The Exomiser program was originally written purely for exome sequence analysis, however in version 7.0.0 it was extended to be able to analyse whole genome sequences too. The underlying framework and phenotype matching algorthims are identical to the previous version, although major architectural changes were introduced which enabled users to configure the exomiser to run analyses in a user-defined manner. The original command-line parameters and settings file inputs are still maintained and when used will run the original exomiser algorithm.

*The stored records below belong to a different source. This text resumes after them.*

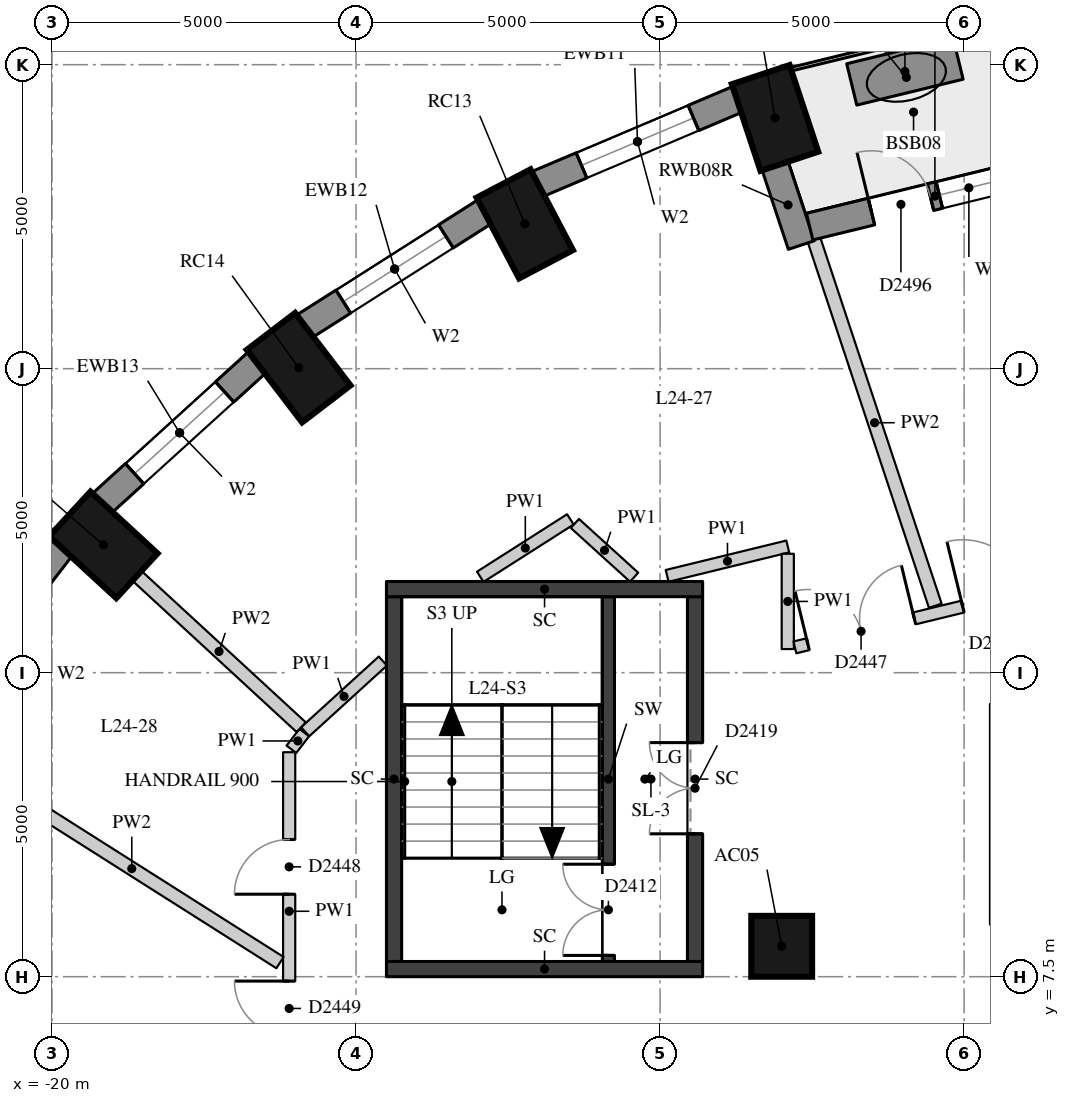
"""IFC4 building model, lengths in metres.
Left out: names, types, materials, properties, quantities, classifications, styles, units other than length and angle.
Written with IfcOpenShell. Run it as: python <this file> out.ifc"""

import sys

from ifc_helpers import new_model, si_unit, direction, frame, frame_2d, origin, origin_2d, place, context, subcontext, project, spatial, rectangle, extrude, element, fill, save


model = new_model("IFC4")
c1 = context("Model", 3, precision=1e-05, world=origin(), true_north=direction((0.0, 1.0)))
c2 = subcontext(c1, "Body", "Model", "MODEL_VIEW")
j1 = project(units=[si_unit("LENGTHUNIT", "METRE"), si_unit("PLANEANGLEUNIT", "RADIAN")], contexts=[c1])
p1 = place(None, origin())
s1 = spatial("IfcSite", under=j1, at=p1, CompositionType="ELEMENT")
p2 = place(p1, origin())
s2 = spatial("IfcBuilding", under=s1, at=p2, CompositionType="ELEMENT")
p3 = place(p2, frame((0.0, 0.0, 88.9)))
s3 = spatial("IfcBuildingStorey", under=s2, at=p3, CompositionType="ELEMENT", Elevation=88.9)
for number, where, z_axis, x_axis in (
    (1, (-8.11, 21.624, 0.0), (0.0, 0.0, 1.0), (-0.315, 0.949, 0.0)),
    (2, (-12.225, 19.882, 0.0), (0.0, 0.0, 1.0), (-0.465, 0.885, 0.0)),
    (3, (-15.945, 17.517, 0.0), (0.0, 0.0, 1.0), (-0.607, 0.795, 0.0)),
    (4, (-19.156, 14.602, 0.0), (0.0, 0.0, 1.0), (-0.735, 0.678, 0.0)),
):
    element("IfcColumn", number, at=place(p3, frame(where, z_axis=z_axis, x_axis=x_axis)), inside=s3, PredefinedType="COLUMN", context=c2, shape_type="SweptSolid", body=[
        extrude(rectangle(XDim=1.5, YDim=1.0, at=origin_2d()), origin(), (0.0, 0.0, 1.0), 3.3),
    ])
p4 = place(p3, frame((-8.0, 8.0, 0.0), z_axis=(0.0, 0.0, 1.0), x_axis=(1.0, 0.0, 0.0)))
e5 = element("IfcColumn", 5, at=p4, inside=s3, PredefinedType="COLUMN", context=c2, shape_type="SweptSolid", body=[
    extrude(rectangle(XDim=1.0, YDim=1.0, at=origin_2d()), origin(), (0.0, 0.0, 1.0), 3.3),
])
p5 = place(p3, frame((-8.718, 21.934, 0.0), z_axis=(0.0, 0.0, 1.0), x_axis=(-0.920879975612, -0.389846213932, 0.0)))
e6 = element("IfcWall", 6, at=p5, inside=s3, PredefinedType="SOLIDWALL", context=c2, shape_type="SweptSolid", body=[
    extrude(rectangle(XDim=3.592, YDim=0.45, at=frame_2d((1.796, 0.0))), origin(), (0.0, 0.0, 1.0), 3.02),
])
p6 = place(p5, frame((0.796, 0.0, 0.4)))
e7 = element("IfcOpeningElement", 7, at=p6, cuts=e6, PredefinedType="OPENING", context=c2, shape_type="SweptSolid", body=[
    extrude(rectangle(XDim=2.0, YDim=1.75, at=frame_2d((1.0, 0.875))), frame((0.0, 0.235, 0.0), z_axis=(0.0, -1.0, 0.0), x_axis=(1.0, 0.0, 0.0)), (0.0, 0.0, 1.0), 0.47),
])
p7 = place(p3, frame((-12.875, 20.087, 0.0), z_axis=(0.0, 0.0, 1.0), x_axis=(-0.843860651879, -0.536562391722, 0.0)))
e8 = element("IfcWall", 8, at=p7, inside=s3, PredefinedType="SOLIDWALL", context=c2, shape_type="SweptSolid", body=[
    extrude(rectangle(XDim=3.532, YDim=0.45, at=frame_2d((1.766, 0.0))), origin(), (0.0, 0.0, 1.0), 3.02),
])
p8 = place(p7, frame((0.766, 0.0, 0.4)))
e9 = element("IfcOpeningElement", 9, at=p8, cuts=e8, PredefinedType="OPENING", context=c2, shape_type="SweptSolid", body=[
    extrude(rectangle(XDim=2.0, YDim=1.75, at=frame_2d((1.0, 0.875))), frame((0.0, 0.235, 0.0), z_axis=(0.0, -1.0, 0.0), x_axis=(1.0, 0.0, 0.0)), (0.0, 0.0, 1.0), 0.47),
])
p9 = place(p3, frame((-16.62, 17.61, 0.0), z_axis=(0.0, 0.0, 1.0), x_axis=(-0.74032902847, -0.672244694739, 0.0)))
e10 = element("IfcWall", 10, at=p9, inside=s3, PredefinedType="SOLIDWALL", context=c2, shape_type="SweptSolid", body=[
    extrude(rectangle(XDim=3.464, YDim=0.45, at=frame_2d((1.732, 0.0))), origin(), (0.0, 0.0, 1.0), 3.02),
])
p10 = place(p9, frame((0.732, 0.0, 0.4)))
e11 = element("IfcOpeningElement", 11, at=p10, cuts=e10, PredefinedType="OPENING", context=c2, shape_type="SweptSolid", body=[
    extrude(rectangle(XDim=2.0, YDim=1.75, at=frame_2d((1.0, 0.875))), frame((0.0, 0.235, 0.0), z_axis=(0.0, -1.0, 0.0), x_axis=(1.0, 0.0, 0.0)), (0.0, 0.0, 1.0), 0.47),
])
p11 = place(p3, frame((-19.835, 14.575, 0.0), z_axis=(0.0, 0.0, 1.0), x_axis=(-0.610693945156, -0.791866721961, 0.0)))
e12 = element("IfcWall", 12, at=p11, inside=s3, PredefinedType="SOLIDWALL", context=c2, shape_type="SweptSolid", body=[
    extrude(rectangle(XDim=3.395, YDim=0.45, at=frame_2d((1.697, 0.0))), origin(), (0.0, 0.0, 1.0), 3.02),
])
p12 = place(p11, frame((0.697, 0.0, 0.4)))
e13 = element("IfcOpeningElement", 13, at=p12, cuts=e12, PredefinedType="OPENING", context=c2, shape_type="SweptSolid", body=[
    extrude(rectangle(XDim=2.0, YDim=1.75, at=frame_2d((1.0, 0.875))), frame((0.0, 0.235, 0.0), z_axis=(0.0, -1.0, 0.0), x_axis=(1.0, 0.0, 0.0)), (0.0, 0.0, 1.0), 0.47),
])
p13 = place(p3, frame((-8.114, 20.853, 0.0), z_axis=(0.0, 0.0, 1.0), x_axis=(0.314488854508, -0.949261165534, 0.0)))
e14 = element("IfcWall", 14, at=p13, inside=s3, PredefinedType="SOLIDWALL", context=c2, shape_type="SweptSolid", body=[
    extrude(rectangle(XDim=1.39, YDim=0.45, at=frame_2d((0.695, 0.0))), origin(), (0.0, 0.0, 1.0), 3.02),
])
p14 = place(p3, frame((-3.42, 20.841, 0.0), z_axis=(0.0, 0.0, 1.0), x_axis=(-0.971511611373, -0.23699195971, 0.0)))
e15 = element("IfcWall", 15, at=p14, inside=s3, PredefinedType="SOLIDWALL", context=c2, shape_type="SweptSolid", body=[
    extrude(rectangle(XDim=4.241, YDim=0.45, at=frame_2d((2.121, 0.0))), origin(), (0.0, 0.0, 1.0), 3.02),
])
p15 = place(p14, frame((1.045, 0.0, 0.4)))
e16 = element("IfcOpeningElement", 16, at=p15, cuts=e15, PredefinedType="OPENING", context=c2, shape_type="SweptSolid", body=[
    extrude(rectangle(XDim=1.0, YDim=1.75, at=frame_2d((0.5, 0.875))), frame((0.0, 0.235, 0.0), z_axis=(0.0, -1.0, 0.0), x_axis=(1.0, 0.0, 0.0)), (0.0, 0.0, 1.0), 0.47),
])
p16 = place(p14, frame((2.196, 0.0, 0.0)))
e17 = element("IfcOpeningElement", 17, at=p16, cuts=e15, PredefinedType="OPENING", context=c2, shape_type="SweptSolid", body=[
    extrude(rectangle(XDim=1.0, YDim=2.15, at=frame_2d((0.5, 1.075))), frame((0.0, 0.235, 0.0), z_axis=(0.0, -1.0, 0.0), x_axis=(1.0, 0.0, 0.0)), (0.0, 0.0, 1.0), 0.47),
])
p17 = place(p3, frame((-5.099, 22.601, 0.0), z_axis=(0.0, 0.0, 1.0), x_axis=(-0.971654974133, -0.23640349245, 0.0)))
e18 = element("IfcWall", 18, at=p17, inside=s3, PredefinedType="USERDEFINED", context=c2, shape_type="SweptSolid", body=[
    extrude(rectangle(XDim=1.8, YDim=0.7, at=frame_2d((0.9, 0.0))), origin(), (0.0, 0.0, 1.0), 0.75),
])
p18 = place(p3, frame((-10.85, 7.75, 0.0), z_axis=(0.0, 0.0, 1.0), x_axis=(0.0, 1.0, 0.0)))
e19 = element("IfcWall", 19, at=p18, inside=s3, PredefinedType="SHEAR", context=c2, shape_type="SweptSolid", body=[
    extrude(rectangle(XDim=6.0, YDim=0.2, at=frame_2d((3.0, 0.0))), origin(), (0.0, 0.0, 1.0), 3.02),
])
p19 = place(p18, frame((0.1, 0.0, 0.0)))
e20 = element("IfcOpeningElement", 20, at=p19, cuts=e19, PredefinedType="OPENING", context=c2, shape_type="SweptSolid", body=[
    extrude(rectangle(XDim=1.5, YDim=2.1, at=frame_2d((0.75, 1.05))), frame((0.0, 0.11, 0.0), z_axis=(0.0, -1.0, 0.0), x_axis=(1.0, 0.0, 0.0)), (0.0, 0.0, 1.0), 0.22),
])
p20 = place(p3, frame((-14.375, 7.75, -0.28), z_axis=(0.0, 0.0, 1.0), x_axis=(0.0, 1.0, 0.0)))
e21 = element("IfcWall", 21, at=p20, inside=s3, PredefinedType="SHEAR", context=c2, shape_type="SweptSolid", body=[
    extrude(rectangle(XDim=6.0, YDim=0.25, at=frame_2d((3.0, 0.0))), origin(), (0.0, 0.0, 1.0), 3.3),
])
p21 = place(p3, frame((-9.425, 7.75, -0.28), z_axis=(0.0, 0.0, 1.0), x_axis=(0.0, 1.0, 0.0)))
e22 = element("IfcWall", 22, at=p21, inside=s3, PredefinedType="SHEAR", context=c2, shape_type="SweptSolid", body=[
    extrude(rectangle(XDim=6.0, YDim=0.25, at=frame_2d((3.0, 0.0))), origin(), (0.0, 0.0, 1.0), 3.3),
])
p22 = place(p21, frame((2.1, 0.0, 0.28)))
e23 = element("IfcOpeningElement", 23, at=p22, cuts=e22, PredefinedType="OPENING", context=c2, shape_type="SweptSolid", body=[
    extrude(rectangle(XDim=1.5, YDim=2.1, at=frame_2d((0.75, 1.05))), frame((0.0, 0.135, 0.0), z_axis=(0.0, -1.0, 0.0), x_axis=(1.0, 0.0, 0.0)), (0.0, 0.0, 1.0), 0.27),
])
for number, where, z_axis, x_axis in (
    (24, (-14.5, 13.875, -0.28), (0.0, 0.0, 1.0), (1.0, 0.0, 0.0)),
    (25, (-14.5, 7.625, -0.28), (0.0, 0.0, 1.0), (1.0, 0.0, 0.0)),
):
    element("IfcWall", number, at=place(p3, frame(where, z_axis=z_axis, x_axis=x_axis)), inside=s3, PredefinedType="SHEAR", context=c2, shape_type="SweptSolid", body=[
        extrude(rectangle(XDim=5.2, YDim=0.25, at=frame_2d((2.6, 0.0))), origin(), (0.0, 0.0, 1.0), 3.3),
    ])
p23 = place(p3, frame((-16.1, 5.96, 0.0), z_axis=(0.0, 0.0, 1.0), x_axis=(0.0, 1.0, 0.0)))
e26 = element("IfcWall", 26, at=p23, inside=s3, PredefinedType="PARTITIONING", context=c2, shape_type="SweptSolid", body=[
    extrude(rectangle(XDim=5.232, YDim=0.2, at=frame_2d((2.616, 0.0))), origin(), (0.0, 0.0, 1.0), 3.02),
])
p24 = place(p23, frame((2.897, 0.0, 0.0)))
e27 = element("IfcOpeningElement", 27, at=p24, cuts=e26, PredefinedType="OPENING", context=c2, shape_type="SweptSolid", body=[
    extrude(rectangle(XDim=0.9, YDim=2.1, at=frame_2d((0.45, 1.05))), frame((0.0, 0.11, 0.0), z_axis=(0.0, -1.0, 0.0), x_axis=(1.0, 0.0, 0.0)), (0.0, 0.0, 1.0), 0.22),
])
p25 = place(p23, frame((0.568, 0.0, 0.0)))
e28 = element("IfcOpeningElement", 28, at=p25, cuts=e26, PredefinedType="OPENING", context=c2, shape_type="SweptSolid", body=[
    extrude(rectangle(XDim=0.9, YDim=2.1, at=frame_2d((0.45, 1.05))), frame((0.0, 0.11, 0.0), z_axis=(0.0, -1.0, 0.0), x_axis=(1.0, 0.0, 0.0)), (0.0, 0.0, 1.0), 0.22),
])
p26 = place(p3, frame((-16.063, 11.24, 0.0), z_axis=(0.0, 0.0, 1.0), x_axis=(0.609744747854, 0.792597844096, 0.0)))
e29 = element("IfcWall", 29, at=p26, inside=s3, PredefinedType="PARTITIONING", context=c2, shape_type="SweptSolid", body=[
    extrude(rectangle(XDim=0.347, YDim=0.2, at=frame_2d((0.174, 0.0))), origin(), (0.0, 0.0, 1.0), 3.02),
])
p27 = place(p3, frame((-15.837, 11.528, 0.0), z_axis=(0.0, 0.0, 1.0), x_axis=(0.739402681643, 0.673263450946, 0.0)))
e30 = element("IfcWall", 30, at=p27, inside=s3, PredefinedType="PARTITIONING", context=c2, shape_type="SweptSolid", body=[
    extrude(rectangle(XDim=1.728, YDim=0.2, at=frame_2d((0.864, 0.0))), origin(), (0.0, 0.0, 1.0), 3.02),
])
p28 = place(p3, frame((-12.957, 14.077, 0.0), z_axis=(0.0, 0.0, 1.0), x_axis=(0.843226410818, 0.537558573645, 0.0)))
e31 = element("IfcWall", 31, at=p28, inside=s3, PredefinedType="PARTITIONING", context=c2, shape_type="SweptSolid", body=[
    extrude(rectangle(XDim=1.757, YDim=0.2, at=frame_2d((0.878, 0.0))), origin(), (0.0, 0.0, 1.0), 3.02),
])
p29 = place(p3, frame((-11.401, 14.955, 0.0), z_axis=(0.0, 0.0, 1.0), x_axis=(0.740594498135, -0.671952222507, 0.0)))
e32 = element("IfcWall", 32, at=p29, inside=s3, PredefinedType="PARTITIONING", context=c2, shape_type="SweptSolid", body=[
    extrude(rectangle(XDim=1.316, YDim=0.2, at=frame_2d((0.658, 0.0))), origin(), (0.0, 0.0, 1.0), 3.02),
])
p30 = place(p3, frame((-9.884, 14.092, 0.0), z_axis=(0.0, 0.0, 1.0), x_axis=(0.971512281799, 0.236989211388, 0.0)))
e33 = element("IfcWall", 33, at=p30, inside=s3, PredefinedType="PARTITIONING", context=c2, shape_type="SweptSolid", body=[
    extrude(rectangle(XDim=2.042, YDim=0.2, at=frame_2d((1.021, 0.0))), origin(), (0.0, 0.0, 1.0), 3.02),
])
p31 = place(p3, frame((-7.9, 14.456, 0.0), z_axis=(0.0, 0.0, 1.0), x_axis=(0.0, -1.0, 0.0)))
e34 = element("IfcWall", 34, at=p31, inside=s3, PredefinedType="PARTITIONING", context=c2, shape_type="SweptSolid", body=[
    extrude(rectangle(XDim=1.567, YDim=0.2, at=frame_2d((0.784, 0.0))), origin(), (0.0, 0.0, 1.0), 3.02),
])
p32 = place(p3, frame((-7.783, 12.916, 0.0), z_axis=(0.0, 0.0, 1.0), x_axis=(0.971770455305, 0.235928341232, 0.0)))
e35 = element("IfcWall", 35, at=p32, inside=s3, PredefinedType="PARTITIONING", context=c2, shape_type="SweptSolid", body=[
    extrude(rectangle(XDim=8.832, YDim=0.2, at=frame_2d((4.416, 0.0))), origin(), (0.0, 0.0, 1.0), 2.42),
])
p33 = place(p32, frame((2.84, 0.0, 0.0)))
e36 = element("IfcOpeningElement", 36, at=p33, cuts=e35, PredefinedType="OPENING", context=c2, shape_type="SweptSolid", body=[
    extrude(rectangle(XDim=1.1, YDim=2.1, at=frame_2d((0.55, 1.05))), frame((0.0, 0.11, 0.0), z_axis=(0.0, -1.0, 0.0), x_axis=(1.0, 0.0, 0.0)), (0.0, 0.0, 1.0), 0.22),
])
p34 = place(p32, frame((0.22, 0.0, 0.0)))
e37 = element("IfcOpeningElement", 37, at=p34, cuts=e35, PredefinedType="OPENING", context=c2, shape_type="SweptSolid", body=[
    extrude(rectangle(XDim=1.8, YDim=2.1, at=frame_2d((0.9, 1.05))), frame((0.0, 0.11, 0.0), z_axis=(0.0, -1.0, 0.0), x_axis=(1.0, 0.0, 0.0)), (0.0, 0.0, 1.0), 0.22),
])
p35 = place(p3, frame((-4.5, 8.356, 0.0), z_axis=(0.0, 0.0, 1.0), x_axis=(0.0, 1.0, 0.0)))
e38 = element("IfcWall", 38, at=p35, inside=s3, PredefinedType="PARTITIONING", context=c2, shape_type="SweptSolid", body=[
    extrude(rectangle(XDim=3.631, YDim=0.15, at=frame_2d((1.815, 0.0))), origin(), (0.0, 0.0, 1.0), 3.02),
])
p36 = place(p3, frame((-7.469, 19.622, 0.0), z_axis=(0.0, 0.0, 1.0), x_axis=(0.314576080141, -0.94923226336, 0.0)))
e39 = element("IfcWall", 39, at=p36, inside=s3, PredefinedType="PARTITIONING", context=c2, shape_type="SweptSolid", body=[
    extrude(rectangle(XDim=6.343, YDim=0.22, at=frame_2d((3.171, 0.0))), origin(), (0.0, 0.0, 1.0), 3.02),
])
p37 = place(p3, frame((-18.604, 14.094, 0.0), z_axis=(0.0, 0.0, 1.0), x_axis=(0.73529495628, -0.677747244383, 0.0)))
e40 = element("IfcWall", 40, at=p37, inside=s3, PredefinedType="PARTITIONING", context=c2, shape_type="SweptSolid", body=[
    extrude(rectangle(XDim=3.674, YDim=0.22, at=frame_2d((1.837, 0.0))), origin(), (0.0, 0.0, 1.0), 3.02),
])
p38 = place(p3, frame((-21.126, 10.823, 0.0), z_axis=(0.0, 0.0, 1.0), x_axis=(0.844518840625, -0.535525842355, 0.0)))
e41 = element("IfcWall", 41, at=p38, inside=s3, PredefinedType="PARTITIONING", context=c2, shape_type="SweptSolid", body=[
    extrude(rectangle(XDim=5.773, YDim=0.22, at=frame_2d((2.887, 0.0))), origin(), (0.0, 0.0, 1.0), 3.02),
])
p39 = place(p6, origin())
e42 = element("IfcWindow", 42, at=p39, inside=s3, PartitioningType="SINGLE_PANEL", PredefinedType="WINDOW", context=c2, shape_type="SweptSolid", body=[
    extrude(rectangle(XDim=2.0, YDim=1.75, at=frame_2d((1.0, 0.875))), frame((0.0, 0.035, 0.0), z_axis=(0.0, -1.0, 0.0), x_axis=(1.0, 0.0, 0.0)), (0.0, 0.0, 1.0), 0.06),
])
fill(e7, e42)
p40 = place(p8, origin())
e43 = element("IfcWindow", 43, at=p40, inside=s3, PartitioningType="SINGLE_PANEL", PredefinedType="WINDOW", context=c2, shape_type="SweptSolid", body=[
    extrude(rectangle(XDim=2.0, YDim=1.75, at=frame_2d((1.0, 0.875))), frame((0.0, 0.035, 0.0), z_axis=(0.0, -1.0, 0.0), x_axis=(1.0, 0.0, 0.0)), (0.0, 0.0, 1.0), 0.06),
])
fill(e9, e43)
p41 = place(p10, origin())
e44 = element("IfcWindow", 44, at=p41, inside=s3, PartitioningType="SINGLE_PANEL", PredefinedType="WINDOW", context=c2, shape_type="SweptSolid", body=[
    extrude(rectangle(XDim=2.0, YDim=1.75, at=frame_2d((1.0, 0.875))), frame((0.0, 0.035, 0.0), z_axis=(0.0, -1.0, 0.0), x_axis=(1.0, 0.0, 0.0)), (0.0, 0.0, 1.0), 0.06),
])
fill(e11, e44)
p42 = place(p15, origin())
e45 = element("IfcWindow", 45, at=p42, inside=s3, PartitioningType="SINGLE_PANEL", PredefinedType="WINDOW", context=c2, shape_type="SweptSolid", body=[
    extrude(rectangle(XDim=1.0, YDim=1.75, at=frame_2d((0.5, 0.875))), frame((0.0, 0.035, 0.0), z_axis=(0.0, -1.0, 0.0), x_axis=(1.0, 0.0, 0.0)), (0.0, 0.0, 1.0), 0.06),
])
fill(e16, e45)
p43 = place(p16, frame((1.0, 0.0, 0.0), z_axis=(0.0, 0.0, 1.0), x_axis=(-1.0, 0.0, 0.0)))
e46 = element("IfcDoor", 46, at=p43, inside=s3, OperationType="SINGLE_SWING_LEFT", PredefinedType="DOOR", context=c2, shape_type="SweptSolid", body=[
    extrude(rectangle(XDim=1.0, YDim=2.15, at=frame_2d((0.5, 1.075))), frame((0.0, 0.075, 0.0), z_axis=(0.0, -1.0, 0.0), x_axis=(1.0, 0.0, 0.0)), (0.0, 0.0, 1.0), 0.05),
])
fill(e17, e46)
p44 = place(p19, origin())
e47 = element("IfcDoor", 47, at=p44, inside=s3, OperationType="DOUBLE_DOOR_SINGLE_SWING", PredefinedType="DOOR", context=c2, shape_type="SweptSolid", body=[
    extrude(rectangle(XDim=1.5, YDim=2.1, at=frame_2d((0.75, 1.05))), frame((0.0, 0.025, 0.0), z_axis=(0.0, -1.0, 0.0), x_axis=(1.0, 0.0, 0.0)), (0.0, 0.0, 1.0), 0.05),
])
fill(e20, e47)
p45 = place(p22, origin())
e48 = element("IfcDoor", 48, at=p45, inside=s3, OperationType="DOUBLE_DOOR_SINGLE_SWING", PredefinedType="DOOR", context=c2, shape_type="SweptSolid", body=[
    extrude(rectangle(XDim=1.5, YDim=2.1, at=frame_2d((0.75, 1.05))), frame((0.0, 0.025, 0.0), z_axis=(0.0, -1.0, 0.0), x_axis=(1.0, 0.0, 0.0)), (0.0, 0.0, 1.0), 0.05),
])
fill(e23, e48)
p46 = place(p33, origin())
e49 = element("IfcDoor", 49, at=p46, inside=s3, OperationType="SINGLE_SWING_LEFT", PredefinedType="DOOR", context=c2, shape_type="SweptSolid", body=[
    extrude(rectangle(XDim=1.1, YDim=2.1, at=frame_2d((0.55, 1.05))), frame((0.0, 0.025, 0.0), z_axis=(0.0, -1.0, 0.0), x_axis=(1.0, 0.0, 0.0)), (0.0, 0.0, 1.0), 0.05),
])
fill(e36, e49)
p47 = place(p34, origin())
e50 = element("IfcDoor", 50, at=p47, inside=s3, OperationType="DOUBLE_DOOR_SINGLE_SWING", PredefinedType="DOOR", context=c2, shape_type="SweptSolid", body=[
    extrude(rectangle(XDim=1.8, YDim=2.1, at=frame_2d((0.9, 1.05))), frame((0.0, 0.025, 0.0), z_axis=(0.0, -1.0, 0.0), x_axis=(1.0, 0.0, 0.0)), (0.0, 0.0, 1.0), 0.05),
])
fill(e37, e50)
p48 = place(p24, origin())
e51 = element("IfcDoor", 51, at=p48, inside=s3, OperationType="SINGLE_SWING_LEFT", PredefinedType="DOOR", context=c2, shape_type="SweptSolid", body=[
    extrude(rectangle(XDim=0.9, YDim=2.1, at=frame_2d((0.45, 1.05))), frame((0.0, 0.025, 0.0), z_axis=(0.0, -1.0, 0.0), x_axis=(1.0, 0.0, 0.0)), (0.0, 0.0, 1.0), 0.05),
])
fill(e27, e51)
p49 = place(p25, origin())
e52 = element("IfcDoor", 52, at=p49, inside=s3, OperationType="SINGLE_SWING_RIGHT", PredefinedType="DOOR", context=c2, shape_type="SweptSolid", body=[
    extrude(rectangle(XDim=0.9, YDim=2.1, at=frame_2d((0.45, 1.05))), frame((0.0, 0.025, 0.0), z_axis=(0.0, -1.0, 0.0), x_axis=(1.0, 0.0, 0.0)), (0.0, 0.0, 1.0), 0.05),
])
fill(e28, e52)
save(model, sys.argv[1])

Using the new analysis file input it is still possible to run the original exomiser algorithm (see test-analysis-exome.yml). The advantage here is that it is now possible to run an analysis over a whole-genome sample, yet treat it as an artificial exome for example. We would encourage users to use the new yml format for all their analyses as it also provides a record of exactly how a sample was analysed. This can also be easily shared with collaborators or embedded in publications. The Genomiser algorithm is contained in the test-analysis-genome.yml which has been optimised for both speed and memory usage in analysing whole genomes. Deviating from this default could significantly increase both the time and RAM used for an analysis.

Configuration

The Exomiser can be configured to run in various ways either purely through the command-line interface or by specifying various input file formats and run parameters through the settings file or with an analysis configuration file for maximum flexibility.

Command-line interface

The exomiser is typically always accessed via the command-line to some extent - it is launched using the java command:

java -jar exomiser-cli-7.2.3.jar

It is a also good practice to specify the lower and upper limits of the memory required by the Java VM using the -Xms and -Xmx switches. Typically exomiser can be run using about 8-10GB RAM and in many cases only a 2-4GB RAM, but this will vary considerably depending on the sample size and and the run parameters. Retaining all variants in memory irrespective of their PASS/FAIL state is the least efficient way to analyse a sample. For samples containing more than a few hundred thousand variants, we strongly recommend using exomiser either on a pre-filtered VCF if retaining all variants using the --full-analysis true argument or using the PASS_ONLY analysis mode in the analysis file.

Settings file

Settings files contain all the parameters passed in on the command-line so you can just point exomiser to a settings file using the --settings-file argument. See example.settings and test.settings.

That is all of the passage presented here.